As the US stock markets looks ready for a quick bounce after the Thanksgiving holiday (a short term bounce is all I am expecting) the media talking heads are once again trying to find a reason for the bounce. Is it being caused by a strong Black Friday, a possible bailout for Europe from the IMF, or something else?
Let’s quickly take a look at the different scenarios:
Black Friday Sales
Personally, I don’t like the concept of using sales figures from Black Friday as a gauge on the health of the consumer. While the headlines make it seem that Black Friday was a success, over the weekend I kept seeing interviews with shoppers who are talking about “watching every penny” and how bad the economy is.
At the Toys “R” Us store in New York’s Times Square, crowds started lining up around 3 p.m. Thursday for the company’s 9 p.m. opening.
Saul Vega came out of the store around 11 p.m. with his wife, 14-year-old son and six-year-old daughter with a Play Station 3 bundle for $200, which he said usually cost $300; and Thomas the Train set for $17.99, which he said was about a 45% discount. Both were part of the company’s specials.For the first time, Best Buy set up monitors outside 120 stores on which shoppers waiting in line could watch movies and other programs.
“The economy is bad,” he said, adding he’s reducing his gift budget for his kids this year to $500 from between $1,000 and $1,500 in the past.
“We are trying to watch every penny,” Vega added. “Before we would have stayed home on Thanksgiving and we wouldn’t have cared about specials, but this year we’d rather stay on line. I want to be more cautious.”
Macroeconomic concerns have led to many forecasts of a slower season. NRF forecast sales to rise 2.8% to $465.6 billion, slower than the 5.2% increase last year. Almost 81% of shoppers said the economy will have an impact on their spending, compared to 78% in 2009, an NPD Group survey showed.
An Alix Partners’ survey showed 41% of shoppers said they plan to spend less on holiday gifts this year, up from 31% last year.

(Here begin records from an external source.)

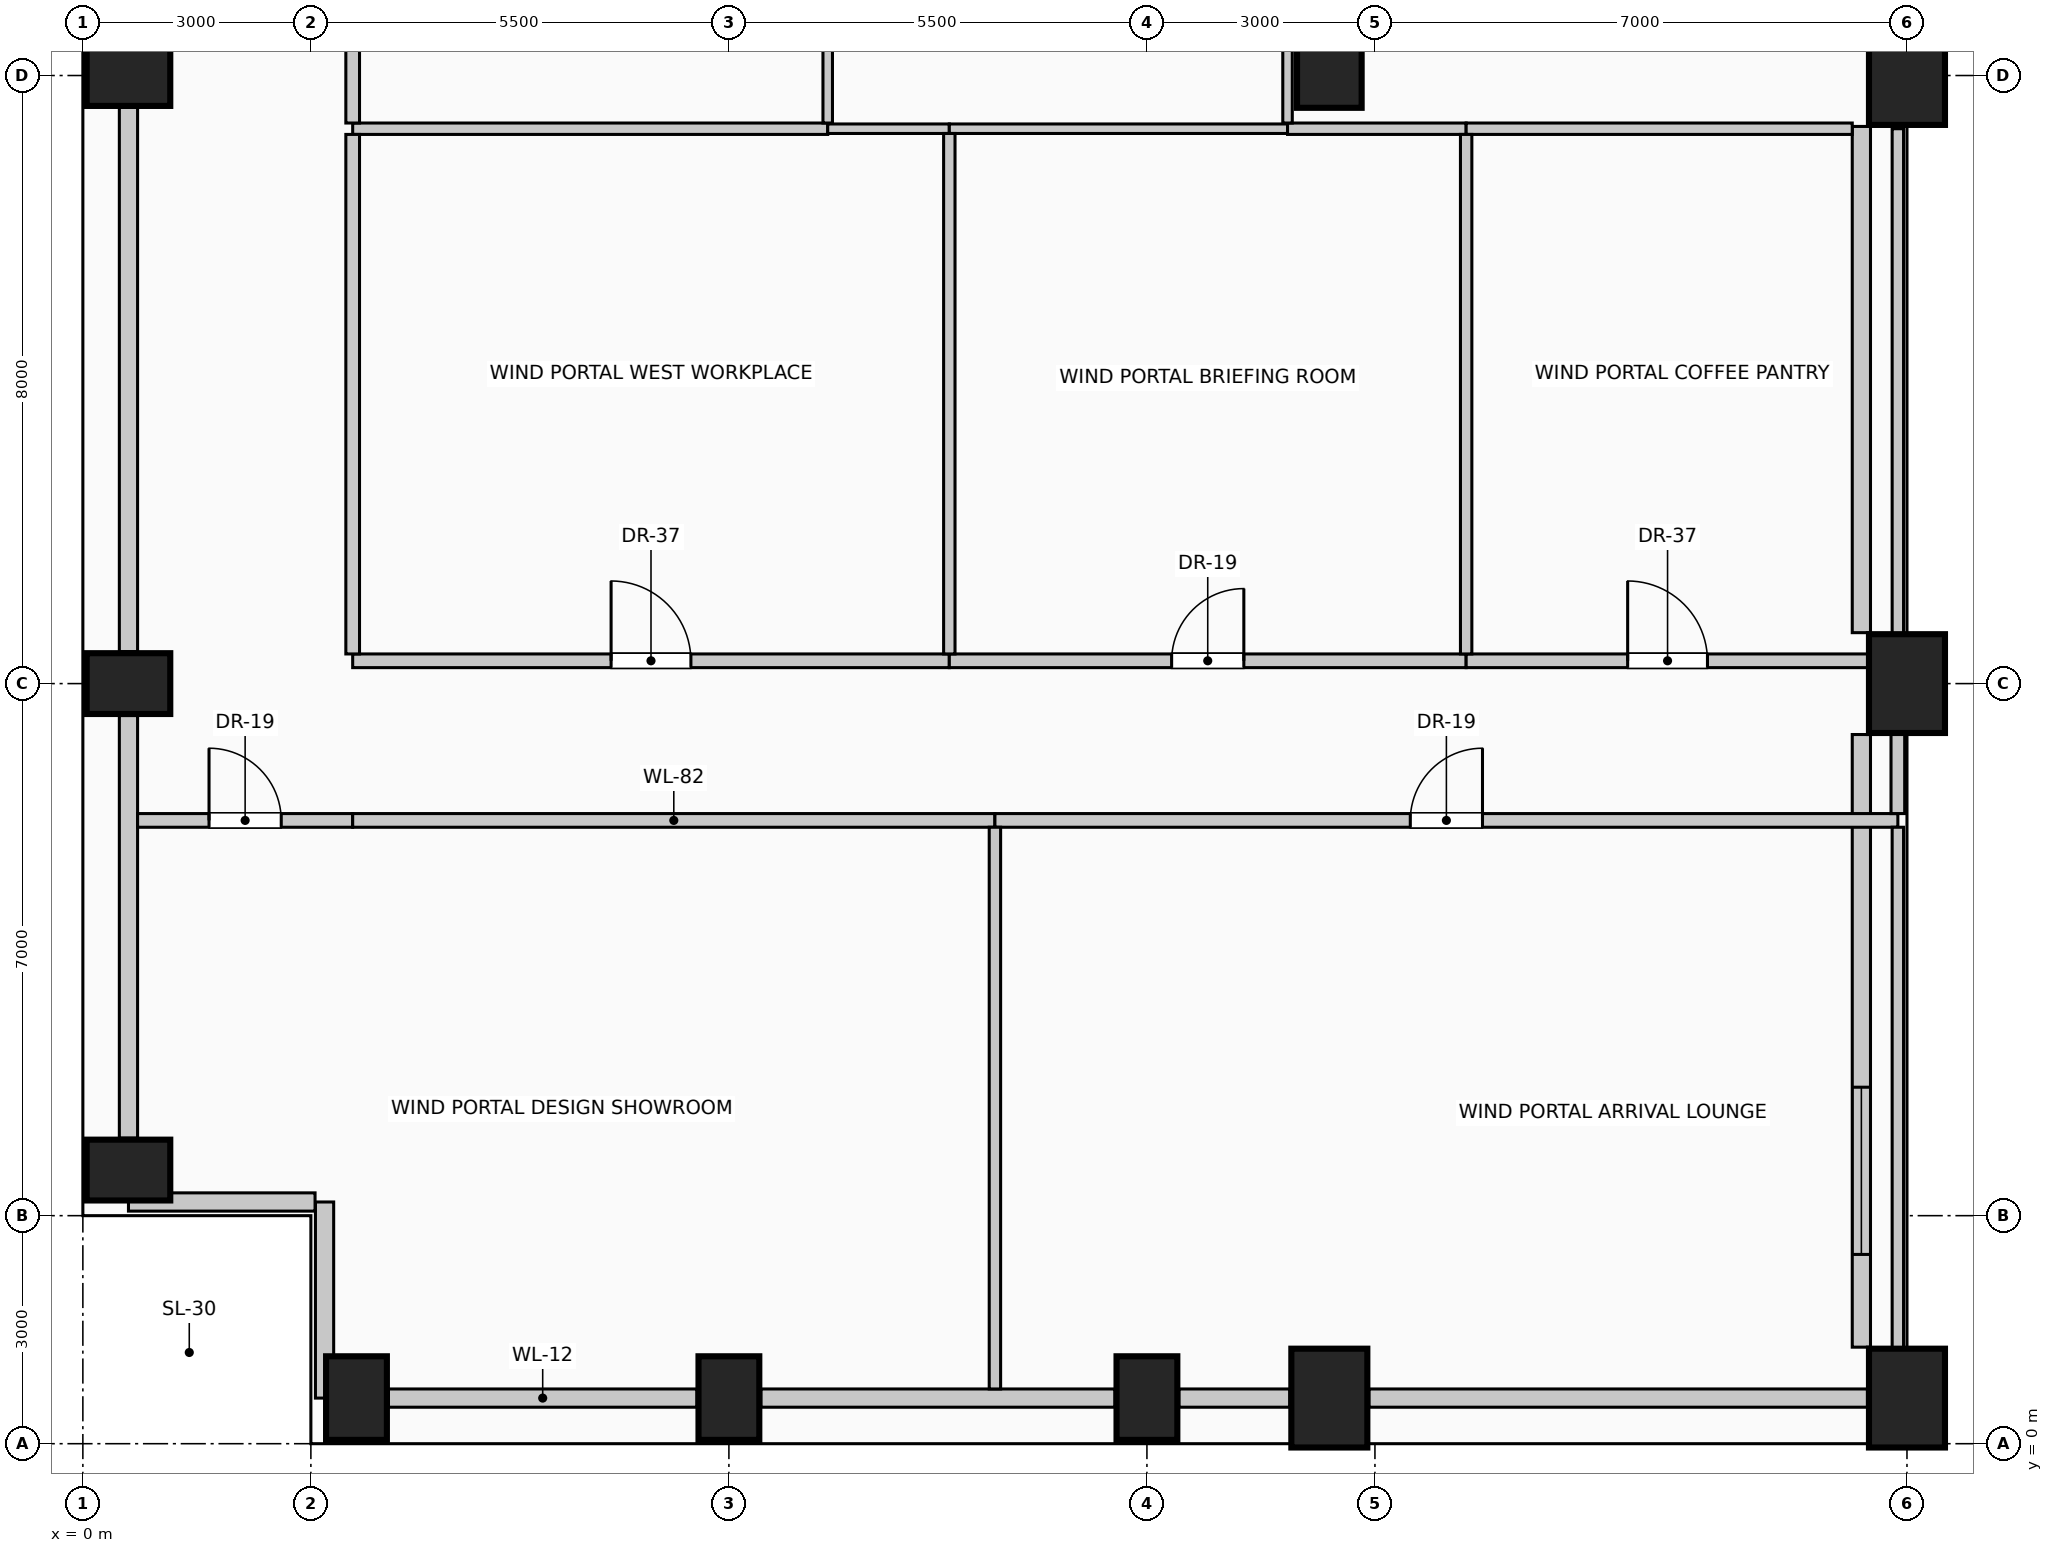
"""IFC4 building model, lengths in metres.
Left out: names, types, materials, properties, quantities, classifications, styles, units other than length and angle.
Written with IfcOpenShell. Run it as: python <this file> out.ifc"""

import sys

from ifc_helpers import new_model, si_unit, direction, frame, frame_2d, origin, origin_2d, place, context, subcontext, project, spatial, rectangle, circle, extrude, element, fill, save


model = new_model("IFC4")
c1 = context("Model", 3, precision=1e-05, world=origin(), true_north=direction((0.0, 1.0)))
c2 = subcontext(c1, "Body", "Model", "MODEL_VIEW")
j1 = project(units=[si_unit("LENGTHUNIT", "METRE"), si_unit("PLANEANGLEUNIT", "RADIAN")], contexts=[c1])
p1 = place(None, origin())
s1 = spatial("IfcSite", under=j1, at=p1, CompositionType="ELEMENT")
p2 = place(p1, origin())
s2 = spatial("IfcBuilding", under=s1, at=p2, CompositionType="ELEMENT")
p3 = place(p2, frame((0.0, 0.0, 194.6)))
s3 = spatial("IfcBuildingStorey", under=s2, at=p3, CompositionType="ELEMENT", Elevation=194.6)
for number, where, z_axis, x_axis in (
    (1, (3.6, 0.6, 0.0), (0.0, 0.0, 1.0), (1.0, 0.0, 0.0)),
    (2, (8.5, 0.6, 0.0), (0.0, 0.0, 1.0), (1.0, 0.0, 0.0)),
    (3, (14.0, 0.6, 0.0), (0.0, 0.0, 1.0), (1.0, 0.0, 0.0)),
):
    element("IfcColumn", number, at=place(p3, frame(where, z_axis=z_axis, x_axis=x_axis)), inside=s3, PredefinedType="COLUMN", context=c2, shape_type="SweptSolid", body=[
        extrude(rectangle(XDim=0.8, YDim=1.1, at=origin_2d()), origin(), (0.0, 0.0, 1.0), 4.0),
    ])
for number, where, z_axis, x_axis in (
    (4, (16.4, 0.6, 0.0), (0.0, 0.0, 1.0), (1.0, 0.0, 0.0)),
    (5, (24.0, 0.6, 0.0), (0.0, 0.0, 1.0), (1.0, 0.0, 0.0)),
):
    element("IfcColumn", number, at=place(p3, frame(where, z_axis=z_axis, x_axis=x_axis)), inside=s3, PredefinedType="COLUMN", context=c2, shape_type="SweptSolid", body=[
        extrude(rectangle(XDim=1.0, YDim=1.3, at=origin_2d()), origin(), (0.0, 0.0, 1.0), 4.0),
    ])
for number, where, z_axis, x_axis in (
    (6, (0.6, 3.6, 0.0), (0.0, 0.0, 1.0), (0.0, 1.0, 0.0)),
    (7, (0.6, 10.0, 0.0), (0.0, 0.0, 1.0), (0.0, 1.0, 0.0)),
    (8, (0.6, 18.0, 0.0), (0.0, 0.0, 1.0), (0.0, 1.0, 0.0)),
):
    element("IfcColumn", number, at=place(p3, frame(where, z_axis=z_axis, x_axis=x_axis)), inside=s3, PredefinedType="COLUMN", context=c2, shape_type="SweptSolid", body=[
        extrude(rectangle(XDim=0.8, YDim=1.1, at=origin_2d()), origin(), (0.0, 0.0, 1.0), 4.0),
    ])
for number, where, z_axis, x_axis in (
    (9, (24.0, 10.0, 0.0), (0.0, 0.0, 1.0), (1.0, 0.0, 0.0)),
    (10, (24.0, 18.0, 0.0), (0.0, 0.0, 1.0), (1.0, 0.0, 0.0)),
):
    element("IfcColumn", number, at=place(p3, frame(where, z_axis=z_axis, x_axis=x_axis)), inside=s3, PredefinedType="COLUMN", context=c2, shape_type="SweptSolid", body=[
        extrude(rectangle(XDim=1.0, YDim=1.3, at=origin_2d()), origin(), (0.0, 0.0, 1.0), 4.0),
    ])
p4 = place(p3, frame((16.4, 18.0, 0.0), z_axis=(0.0, 0.0, 1.0), x_axis=(1.0, 0.0, 0.0)))
e11 = element("IfcColumn", 11, at=p4, inside=s3, PredefinedType="COLUMN", context=c2, shape_type="SweptSolid", body=[
    extrude(circle(Radius=0.425, at=origin_2d()), origin(), (0.0, 0.0, 1.0), 4.0),
])
p5 = place(p3, frame((8.08, 0.6, 0.0), z_axis=(0.0, 0.0, 1.0), x_axis=(-1.0, 0.0, 0.0)))
e12 = element("IfcWall", 12, at=p5, inside=s3, PredefinedType="SOLIDWALL", context=c2, shape_type="SweptSolid", body=[
    extrude(rectangle(XDim=4.06, YDim=0.24, at=frame_2d((2.03, 0.0))), origin(), (0.0, 0.0, 1.0), 3.0),
])
p6 = place(p3, frame((13.58, 0.6, 0.0), z_axis=(0.0, 0.0, 1.0), x_axis=(-1.0, 0.0, 0.0)))
e13 = element("IfcWall", 13, at=p6, inside=s3, PredefinedType="SOLIDWALL", context=c2, shape_type="SweptSolid", body=[
    extrude(rectangle(XDim=4.66, YDim=0.24, at=frame_2d((2.33, 0.0))), origin(), (0.0, 0.0, 1.0), 3.0),
])
p7 = place(p3, frame((15.88, 0.6, 0.0), z_axis=(0.0, 0.0, 1.0), x_axis=(-1.0, 0.0, 0.0)))
e14 = element("IfcWall", 14, at=p7, inside=s3, PredefinedType="SOLIDWALL", context=c2, shape_type="SweptSolid", body=[
    extrude(rectangle(XDim=1.46, YDim=0.24, at=frame_2d((0.73, 0.0))), origin(), (0.0, 0.0, 1.0), 3.0),
])
p8 = place(p3, frame((23.48, 0.6, 0.0), z_axis=(0.0, 0.0, 1.0), x_axis=(-1.0, 0.0, 0.0)))
e15 = element("IfcWall", 15, at=p8, inside=s3, PredefinedType="SOLIDWALL", context=c2, shape_type="SweptSolid", body=[
    extrude(rectangle(XDim=6.56, YDim=0.24, at=frame_2d((3.28, 0.0))), origin(), (0.0, 0.0, 1.0), 3.0),
])
p9 = place(p3, frame((0.6, 4.02, 0.0), z_axis=(0.0, 0.0, 1.0), x_axis=(0.0, 1.0, 0.0)))
e16 = element("IfcWall", 16, at=p9, inside=s3, PredefinedType="SOLIDWALL", context=c2, shape_type="SweptSolid", body=[
    extrude(rectangle(XDim=5.56, YDim=0.24, at=frame_2d((2.78, 0.0))), origin(), (0.0, 0.0, 1.0), 3.0),
])
p10 = place(p3, frame((0.6, 10.42, 0.0), z_axis=(0.0, 0.0, 1.0), x_axis=(0.0, 1.0, 0.0)))
e17 = element("IfcWall", 17, at=p10, inside=s3, PredefinedType="SOLIDWALL", context=c2, shape_type="SweptSolid", body=[
    extrude(rectangle(XDim=7.16, YDim=0.24, at=frame_2d((3.58, 0.0))), origin(), (0.0, 0.0, 1.0), 3.0),
])
p11 = place(p3, frame((3.18, 0.6, 0.0), z_axis=(0.0, 0.0, 1.0), x_axis=(0.0, 1.0, 0.0)))
e18 = element("IfcWall", 18, at=p11, inside=s3, PredefinedType="SOLIDWALL", context=c2, shape_type="SweptSolid", body=[
    extrude(rectangle(XDim=2.58, YDim=0.24, at=frame_2d((1.29, 0.0))), origin(), (0.0, 0.0, 1.0), 3.75),
])
p12 = place(p3, frame((3.055, 3.18, 0.0), z_axis=(0.0, 0.0, 1.0), x_axis=(-1.0, 0.0, 0.0)))
e19 = element("IfcWall", 19, at=p12, inside=s3, PredefinedType="SOLIDWALL", context=c2, shape_type="SweptSolid", body=[
    extrude(rectangle(XDim=2.455, YDim=0.24, at=frame_2d((1.228, 0.0))), origin(), (0.0, 0.0, 1.0), 3.75),
])
p13 = place(p3, frame((23.4, 9.33, 0.0), z_axis=(0.0, 0.0, 1.0), x_axis=(0.0, -1.0, 0.0)))
e20 = element("IfcWall", 20, at=p13, inside=s3, PredefinedType="SOLIDWALL", context=c2, shape_type="SweptSolid", body=[
    extrude(rectangle(XDim=8.06, YDim=0.24, at=frame_2d((4.03, 0.0))), origin(), (0.0, 0.0, 1.0), 3.75),
])
p14 = place(p13, frame((4.64, 0.0, 0.42)))
e21 = element("IfcOpeningElement", 21, at=p14, cuts=e20, PredefinedType="OPENING", context=c2, shape_type="SweptSolid", body=[
    extrude(rectangle(XDim=2.2, YDim=1.95, at=frame_2d((1.1, 0.975))), frame((0.0, 0.13, 0.0), z_axis=(0.0, -1.0, 0.0), x_axis=(1.0, 0.0, 0.0)), (0.0, 0.0, 1.0), 0.26),
])
p15 = place(p3, frame((23.4, 17.33, 0.0), z_axis=(0.0, 0.0, 1.0), x_axis=(0.0, -1.0, 0.0)))
e22 = element("IfcWall", 22, at=p15, inside=s3, PredefinedType="SOLIDWALL", context=c2, shape_type="SweptSolid", body=[
    extrude(rectangle(XDim=6.66, YDim=0.24, at=frame_2d((3.33, 0.0))), origin(), (0.0, 0.0, 1.0), 3.75),
])
p16 = place(p3, frame((0.72, 8.2, 0.0), z_axis=(0.0, 0.0, 1.0), x_axis=(1.0, 0.0, 0.0)))
e23 = element("IfcWall", 23, at=p16, inside=s3, PredefinedType="PARTITIONING", context=c2, shape_type="SweptSolid", body=[
    extrude(rectangle(XDim=2.83, YDim=0.18, at=frame_2d((1.415, 0.0))), origin(), (0.0, 0.0, 1.0), 3.75),
])
p17 = place(p16, frame((0.94, 0.0, 0.0)))
e24 = element("IfcOpeningElement", 24, at=p17, cuts=e23, PredefinedType="OPENING", context=c2, shape_type="SweptSolid", body=[
    extrude(rectangle(XDim=0.95, YDim=2.15, at=frame_2d((0.475, 1.075))), frame((0.0, 0.1, 0.0), z_axis=(0.0, -1.0, 0.0), x_axis=(1.0, 0.0, 0.0)), (0.0, 0.0, 1.0), 0.2),
])
p18 = place(p3, frame((3.55, 8.2, 0.0), z_axis=(0.0, 0.0, 1.0), x_axis=(1.0, 0.0, 0.0)))
e25 = element("IfcWall", 25, at=p18, inside=s3, PredefinedType="PARTITIONING", context=c2, shape_type="SweptSolid", body=[
    extrude(rectangle(XDim=8.45, YDim=0.18, at=frame_2d((4.225, 0.0))), origin(), (0.0, 0.0, 1.0), 3.75),
])
p19 = place(p3, frame((12.0, 8.2, 0.0), z_axis=(0.0, 0.0, 1.0), x_axis=(1.0, 0.0, 0.0)))
e26 = element("IfcWall", 26, at=p19, inside=s3, PredefinedType="PARTITIONING", context=c2, shape_type="SweptSolid", body=[
    extrude(rectangle(XDim=11.88, YDim=0.18, at=frame_2d((5.94, 0.0))), origin(), (0.0, 0.0, 1.0), 3.75),
])
p20 = place(p19, frame((5.465, 0.0, 0.0)))
e27 = element("IfcOpeningElement", 27, at=p20, cuts=e26, PredefinedType="OPENING", context=c2, shape_type="SweptSolid", body=[
    extrude(rectangle(XDim=0.95, YDim=2.15, at=frame_2d((0.475, 1.075))), frame((0.0, 0.1, 0.0), z_axis=(0.0, -1.0, 0.0), x_axis=(1.0, 0.0, 0.0)), (0.0, 0.0, 1.0), 0.2),
])
p21 = place(p3, frame((3.55, 10.3, 0.0), z_axis=(0.0, 0.0, 1.0), x_axis=(1.0, 0.0, 0.0)))
e28 = element("IfcWall", 28, at=p21, inside=s3, PredefinedType="PARTITIONING", context=c2, shape_type="SweptSolid", body=[
    extrude(rectangle(XDim=7.85, YDim=0.18, at=frame_2d((3.925, 0.0))), origin(), (0.0, 0.0, 1.0), 3.75),
])
p22 = place(p21, frame((3.4, 0.0, 0.0)))
e29 = element("IfcOpeningElement", 29, at=p22, cuts=e28, PredefinedType="OPENING", context=c2, shape_type="SweptSolid", body=[
    extrude(rectangle(XDim=1.05, YDim=2.15, at=frame_2d((0.525, 1.075))), frame((0.0, 0.1, 0.0), z_axis=(0.0, -1.0, 0.0), x_axis=(1.0, 0.0, 0.0)), (0.0, 0.0, 1.0), 0.2),
])
p23 = place(p3, frame((11.4, 10.3, 0.0), z_axis=(0.0, 0.0, 1.0), x_axis=(1.0, 0.0, 0.0)))
e30 = element("IfcWall", 30, at=p23, inside=s3, PredefinedType="PARTITIONING", context=c2, shape_type="SweptSolid", body=[
    extrude(rectangle(XDim=6.8, YDim=0.18, at=frame_2d((3.4, 0.0))), origin(), (0.0, 0.0, 1.0), 3.75),
])
p24 = place(p23, frame((2.925, 0.0, 0.0)))
e31 = element("IfcOpeningElement", 31, at=p24, cuts=e30, PredefinedType="OPENING", context=c2, shape_type="SweptSolid", body=[
    extrude(rectangle(XDim=0.95, YDim=2.15, at=frame_2d((0.475, 1.075))), frame((0.0, 0.1, 0.0), z_axis=(0.0, -1.0, 0.0), x_axis=(1.0, 0.0, 0.0)), (0.0, 0.0, 1.0), 0.2),
])
p25 = place(p3, frame((18.2, 10.3, 0.0), z_axis=(0.0, 0.0, 1.0), x_axis=(1.0, 0.0, 0.0)))
e32 = element("IfcWall", 32, at=p25, inside=s3, PredefinedType="PARTITIONING", context=c2, shape_type="SweptSolid", body=[
    extrude(rectangle(XDim=5.3, YDim=0.18, at=frame_2d((2.65, 0.0))), origin(), (0.0, 0.0, 1.0), 3.75),
])
p26 = place(p25, frame((2.125, 0.0, 0.0)))
e33 = element("IfcOpeningElement", 33, at=p26, cuts=e32, PredefinedType="OPENING", context=c2, shape_type="SweptSolid", body=[
    extrude(rectangle(XDim=1.05, YDim=2.15, at=frame_2d((0.525, 1.075))), frame((0.0, 0.1, 0.0), z_axis=(0.0, -1.0, 0.0), x_axis=(1.0, 0.0, 0.0)), (0.0, 0.0, 1.0), 0.2),
])
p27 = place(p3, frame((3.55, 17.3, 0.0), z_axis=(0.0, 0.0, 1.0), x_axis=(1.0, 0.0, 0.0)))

One strong shopping day does not indicate a strong shopping season – in fact it may indicate the opposite. A strong Black Friday may be indicating that the consumer is tapped out and that they will only buy when deep discounts are present.
Well, how about that IMF news?
Over the weekend, rumors started to float around that the IMF would be bailing Europe out. However, an IMF bailout is very unlikely as the US is one of the key players in the IMF. Using US tax payer dollars to bailout Europe, when the economy is still bad at home, is political suicide.
More from Art Cashin, Director of Floor Operations at UBS:
We have been saying for weeks that we, along with Secretary Geithner, are concerned that European leaders have no mechanism in place to handle any sudden acceleration of the crisis. Basically, there is no financial fire department and no sign of one being hired.
Moody’s and others are indicating that time is running out and it may be a matter of days. ICAP, the currency trading facilitator, said it is testing its systems for a return to the drachma or even the Deutsche mark. Italian PM Monti admitted that the breakup of the Eurozone has been broached at meetings with top leaders.
This morning European stocks and U.S. futures are spiking sharply. The pundits are trying to pin the spike on everything from Black Friday sales to an IMF bailout of Italy. We think the spike is the reaction of a very oversold market to the resurfacing of the Sarkozy based rumor of a treaty deal for fiscal linkage. But, even if it’s true, can it be implemented quickly enough for a situation thought to be days away from crisis or climax?
The IMF bailout, already denied, was always unlikely since the U.S. is a key player in the IMF. Using U.S. funds for a European crisis is unthinkable in the current political environment. As to Black Friday, look what was said about last year’s Black Friday last November. Also, how could it help Europe so much?
Lastly, European bond markets are more placid and skeptical than their equity cousins. That supports the oversold causation thesis.
The Technical Picture
The market is simply oversold and is at a point where short term traders who are short the market (traders borrow, then sell shares of stock at a higher price – once their price target is reached, traders buy back the stock at the lower value) begin take their profits off the table.
Last week, I spoke about the possibility of a bounce at 50% retracement line: 50% Retracement. (Traders must not have read my article and instead let the market drop right through that level.) The next level to watch is the 61.8% level, which is where we are at now:
If the market cannot hold this level, the next stop will be the lows from September. A breakdown of the current level would also further support my thesis of a rare megaphone pattern in the market: Rare Megaphone Pattern Emerging.
I would watch the 50 day moving average as a target for the short term bounce. Longer term, if the market can trade above the 200 day moving average then we would have a false megaphone pattern and the markets will see a Christmas rally.